Edit - This is also annoying since Comcast keeps on adding random channels that I don't receive, so every few months I have to flip through all my channels and write down all the ones I don't get and go through the settings menu. This is a constant issue, not a one time setup thing.


----------



## lessd (Jan 23, 2005)

ZildjianKX said:


> On my series 3, I have to manually go through 800 channels and write down which channels I don't receive, go into the TiVo settings and uncheck the channels, which takes forever.
> 
> Does anyone know if the TiVo Premiere supports cable card channel scanning? If not, does it at least support channel previews from the channel list screen so you can see if you can tune the channel or not? The current implementation is really poor.
> 
> ...


With PIM you may get your wish, until customers get this TiVo I don't know how you will get the correct answer as the people that do know or could test out what you want are under NDA


----------



## kingkong316 (Jul 13, 2008)

lessd said:


> With PIM you may get your wish, until customers get this TiVo I don't know how you will get the correct answer as the people that do know or could test out what you want are under NDA


I hate that. I mean I understand it but it still sucks. Some guy reading this thread has the answers and he can't tell us.


----------



## lessd (Jan 23, 2005)

kingkong316 said:


> I hate that. I mean I understand it but it still sucks. Some guy reading this thread has the answers and he can't tell us.


Could be a girl (woman) also.


----------



## ciucca (Jun 29, 2004)

I hate to be cynical, but knowing how much TIVO cares about their customer base I would bet money on it not being improved at all.


----------



## ZildjianKX (Jun 11, 2004)

ciucca said:


> I hate to be cynical, but knowing how much TIVO cares about their customer base I would bet money on it not being improved at all.


Sadly, I agree with you. I think there is a 0% chance...

I need to spend the next 30 minutes redoing all the channels on my series 3 after my reset... *grumple, grumble*


----------



## mattack (Apr 9, 2001)

ZildjianKX said:


> On my series 3, I have to manually go through 800 channels and write down which channels I don't receive, go into the TiVo settings and uncheck the channels, which takes forever.


Umm, what? Doesn't the S3 have scanning? There's the scan for channels function.. That still works after you have cablecards, doesn't it??

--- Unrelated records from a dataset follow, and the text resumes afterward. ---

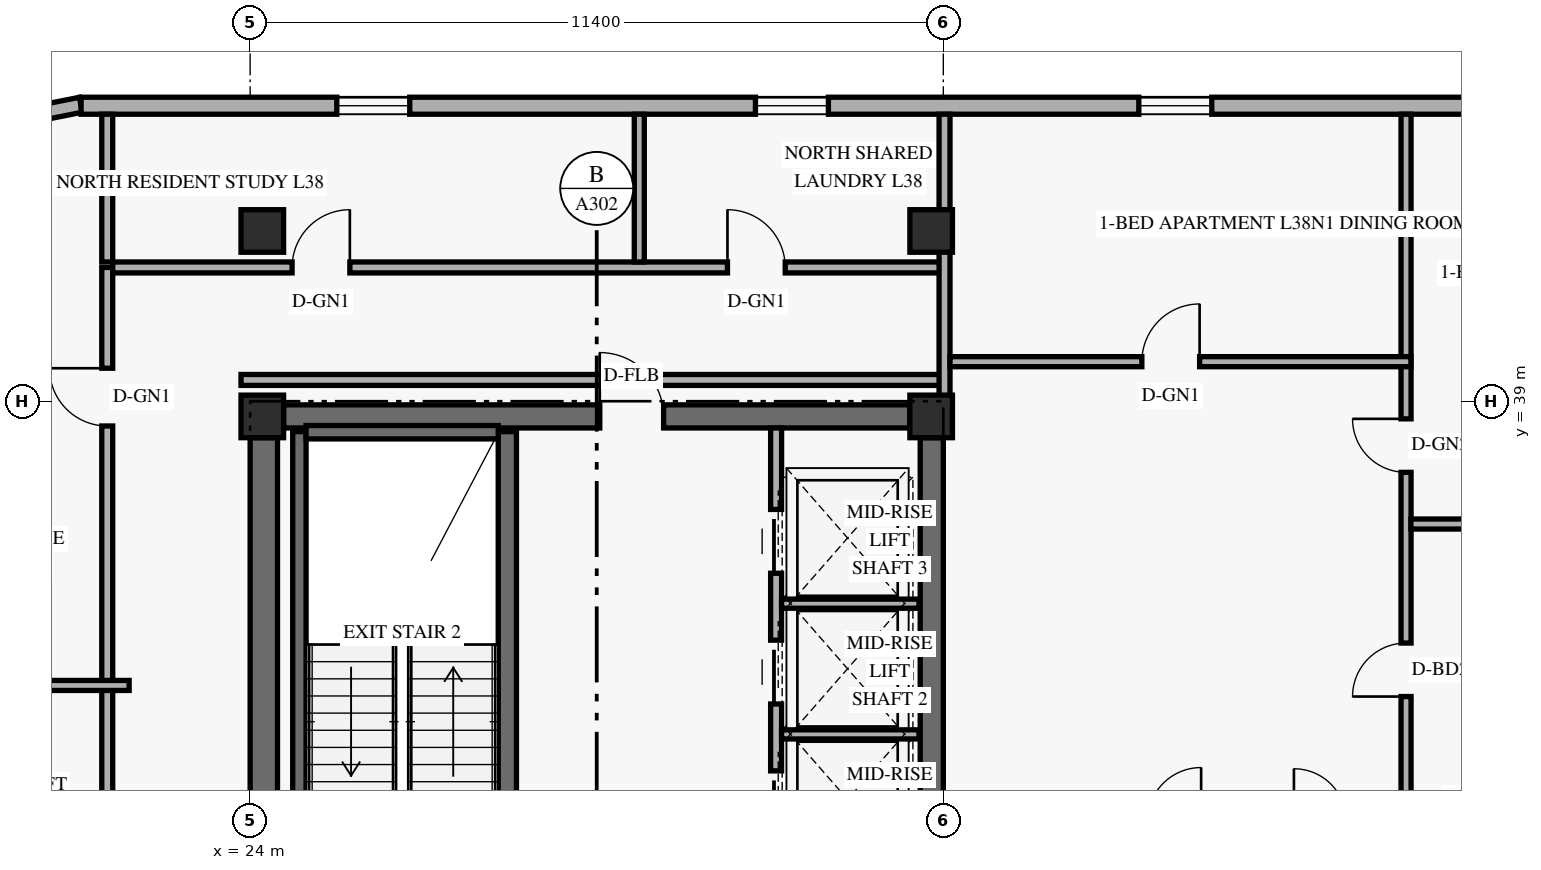
"""IFC4 building model, lengths in metres.
Left out: names, types, materials, properties, quantities, classifications, styles, units other than length and angle.
Written with IfcOpenShell. Run it as: python <this file> out.ifc"""

import sys

from ifc_helpers import new_model, si_unit, direction, frame, frame_2d, origin, origin_2d, place, context, subcontext, project, spatial, rectangle, extrude, element, fill, save


model = new_model("IFC4")
c1 = context("Model", 3, precision=1e-05, world=origin(), true_north=direction((0.0, 1.0)))
c2 = subcontext(c1, "Body", "Model", "MODEL_VIEW")
j1 = project(units=[si_unit("LENGTHUNIT", "METRE"), si_unit("PLANEANGLEUNIT", "RADIAN")], contexts=[c1])
p1 = place(None, origin())
s1 = spatial("IfcSite", under=j1, at=p1, CompositionType="ELEMENT")
p2 = place(p1, origin())
s2 = spatial("IfcBuilding", under=s1, at=p2, CompositionType="ELEMENT")
p3 = place(p2, frame((0.0, 0.0, 148.2)))
s3 = spatial("IfcBuildingStorey", under=s2, at=p3, CompositionType="ELEMENT", Elevation=148.2)
p4 = place(p3, frame((24.225, 30.55, 0.0), z_axis=(0.0, 0.0, 1.0), x_axis=(0.0, 1.0, 0.0)))
e1 = element("IfcWall", 1, at=p4, inside=s3, PredefinedType="SHEAR", context=c2, shape_type="SweptSolid", body=[
    extrude(rectangle(XDim=7.85, YDim=0.45, at=frame_2d((3.925, 0.0))), origin(), (0.0, 0.0, 1.0), 2.748),
])
p5 = place(p3, frame((35.21, 31.35, 0.0), z_axis=(0.0, 0.0, 1.0), x_axis=(0.0, 1.0, 0.0)))
e2 = element("IfcWall", 2, at=p5, inside=s3, PredefinedType="SHEAR", context=c2, shape_type="SweptSolid", body=[
    extrude(rectangle(XDim=7.05, YDim=0.38, at=frame_2d((3.525, 0.0))), origin(), (0.0, 0.0, 1.0), 2.748),
])
p6 = place(p3, frame((24.55, 38.75, 0.0), z_axis=(0.0, 0.0, 1.0), x_axis=(1.0, 0.0, 0.0)))
e3 = element("IfcWall", 3, at=p6, inside=s3, PredefinedType="SHEAR", context=c2, shape_type="SweptSolid", body=[
    extrude(rectangle(XDim=10.3, YDim=0.38, at=frame_2d((5.15, 0.0))), origin(), (0.0, 0.0, 1.0), 3.36),
])
p7 = place(p6, frame((5.2, 0.0, 0.0)))
e4 = element("IfcOpeningElement", 4, at=p7, cuts=e3, PredefinedType="OPENING", context=c2, shape_type="SweptSolid", body=[
    extrude(rectangle(XDim=1.05, YDim=2.15, at=frame_2d((0.525, 1.075))), frame((0.0, 0.2, 0.0), z_axis=(0.0, -1.0, 0.0), x_axis=(1.0, 0.0, 0.0)), (0.0, 0.0, 1.0), 0.4),
])
p8 = place(p3, frame((24.81, 30.74, 0.0), z_axis=(0.0, 0.0, 1.0), x_axis=(0.0, 1.0, 0.0)))
e5 = element("IfcWall", 5, at=p8, inside=s3, PredefinedType="SHEAR", context=c2, shape_type="SweptSolid", body=[
    extrude(rectangle(XDim=7.76, YDim=0.22, at=frame_2d((3.88, 0.0))), origin(), (0.0, 0.0, 1.0), 3.36),
])
p9 = place(p3, frame((28.23, 30.74, 0.0), z_axis=(0.0, 0.0, 1.0), x_axis=(0.0, 1.0, 0.0)))
e6 = element("IfcWall", 6, at=p9, inside=s3, PredefinedType="SHEAR", context=c2, shape_type="SweptSolid", body=[
    extrude(rectangle(XDim=7.76, YDim=0.3, at=frame_2d((3.88, 0.0))), origin(), (0.0, 0.0, 1.0), 3.36),
])
p10 = place(p3, frame((24.92, 38.49, 0.0), z_axis=(0.0, 0.0, 1.0), x_axis=(1.0, 0.0, 0.0)))
e7 = element("IfcWall", 7, at=p10, inside=s3, PredefinedType="SHEAR", context=c2, shape_type="SweptSolid", body=[
    extrude(rectangle(XDim=3.16, YDim=0.22, at=frame_2d((1.58, 0.0))), origin(), (0.0, 0.0, 1.0), 3.36),
])
for number, where, z_axis, x_axis in (
    (8, (24.2, 38.75, 0.0), (0.0, 0.0, 1.0), (1.0, 0.0, 0.0)),
    (9, (24.2, 41.8, 0.0), (0.0, 0.0, 1.0), (1.0, 0.0, 0.0)),
    (10, (35.2, 38.75, 0.0), (0.0, 0.0, 1.0), (1.0, 0.0, 0.0)),
    (11, (35.2, 41.8, 0.0), (0.0, 0.0, 1.0), (1.0, 0.0, 0.0)),
):
    element("IfcColumn", number, at=place(p3, frame(where, z_axis=z_axis, x_axis=x_axis)), inside=s3, PredefinedType="COLUMN", context=c2, shape_type="SweptSolid", body=[
        extrude(rectangle(XDim=0.7, YDim=0.7, at=origin_2d()), origin(), (0.0, 0.0, 1.0), 3.6),
    ])
p11 = place(p3, frame((21.217, 43.876, 0.0), z_axis=(0.0, 0.0, 1.0), x_axis=(-0.980809899341, -0.19496651342, 0.0)))
e12 = element("IfcWall", 12, at=p11, inside=s3, PredefinedType="SOLIDWALL", context=c2, shape_type="SweptSolid", body=[
    extrude(rectangle(XDim=1.389, YDim=0.25, at=frame_2d((0.694, 0.0))), origin(), (0.0, 0.0, 1.0), 3.36),
])
p12 = place(p3, frame((54.98, 43.86, 0.0), z_axis=(0.0, 0.0, 1.0), x_axis=(-1.0, 0.0, 0.0)))
e13 = element("IfcWall", 13, at=p12, inside=s3, PredefinedType="SOLIDWALL", context=c2, shape_type="SweptSolid", body=[
    extrude(rectangle(XDim=33.76, YDim=0.28, at=frame_2d((16.88, 0.0))), origin(), (0.0, 0.0, 1.0), 3.36),
])
p13 = place(p12, frame((28.355, 0.0, 0.85)))
e14 = element("IfcOpeningElement", 14, at=p13, cuts=e13, PredefinedType="OPENING", context=c2, shape_type="SweptSolid", body=[
    extrude(rectangle(XDim=1.2, YDim=1.5, at=frame_2d((0.6, 0.75))), frame((0.0, 0.15, 0.0), z_axis=(0.0, -1.0, 0.0), x_axis=(1.0, 0.0, 0.0)), (0.0, 0.0, 1.0), 0.3),
])
p14 = place(p12, frame((21.47, 0.0, 0.85)))
e15 = element("IfcOpeningElement", 15, at=p14, cuts=e13, PredefinedType="OPENING", context=c2, shape_type="SweptSolid", body=[
    extrude(rectangle(XDim=1.2, YDim=1.5, at=frame_2d((0.6, 0.75))), frame((0.0, 0.15, 0.0), z_axis=(0.0, -1.0, 0.0), x_axis=(1.0, 0.0, 0.0)), (0.0, 0.0, 1.0), 0.3),
])
p15 = place(p12, frame((15.165, 0.0, 0.85)))
e16 = element("IfcOpeningElement", 16, at=p15, cuts=e13, PredefinedType="OPENING", context=c2, shape_type="SweptSolid", body=[
    extrude(rectangle(XDim=1.2, YDim=1.5, at=frame_2d((0.6, 0.75))), frame((0.0, 0.15, 0.0), z_axis=(0.0, -1.0, 0.0), x_axis=(1.0, 0.0, 0.0)), (0.0, 0.0, 1.0), 0.3),
])
p16 = place(p12, frame((8.875, 0.0, 0.85)))
e17 = element("IfcOpeningElement", 17, at=p16, cuts=e13, PredefinedType="OPENING", context=c2, shape_type="SweptSolid", body=[
    extrude(rectangle(XDim=1.2, YDim=1.5, at=frame_2d((0.6, 0.75))), frame((0.0, 0.15, 0.0), z_axis=(0.0, -1.0, 0.0), x_axis=(1.0, 0.0, 0.0)), (0.0, 0.0, 1.0), 0.3),
])
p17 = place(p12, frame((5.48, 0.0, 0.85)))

Even if it DOESN'T, there's a much better solution (you may call it a workaround) to what you're doing:

1) go into channels you receive
2) hit Live TV
3) channel up a few times and keep track of which channels you get
4) hit LEFT on the remote
-> Now you're back into channels you receive
5) check/uncheck the couple of channels
6) go back to step 2 and repeat

Sounds like a pain, but even for a zillion channels I have, it seemed painless.


----------



## RangerOne (Dec 30, 2006)

On comcast, one interesting thing I noticed is that sometimes I receive channels that are not in the guide. When new stations get added, it sometimes takes the TiVo a couple of days to get the notification. There are also some stations I only get if I manually punch in the number. There is a doppler weather scan channel that's an example of this.


----------



## ZildjianKX (Jun 11, 2004)

mattack said:


> Umm, what? Doesn't the S3 have scanning? There's the scan for channels function.. That still works after you have cablecards, doesn't it??
> 
> Even if it DOESN'T, there's a much better solution (you may call it a workaround) to what you're doing:
> 
> ...


I'll have to try this out. It doesn't support channel scanning via cablecards... at the very least, shouldn't they support a channel preview within the channel list screen so you don't have to do what you described? I'm pretty sure windows media center does this, but it's been awhile since I've tried it.


----------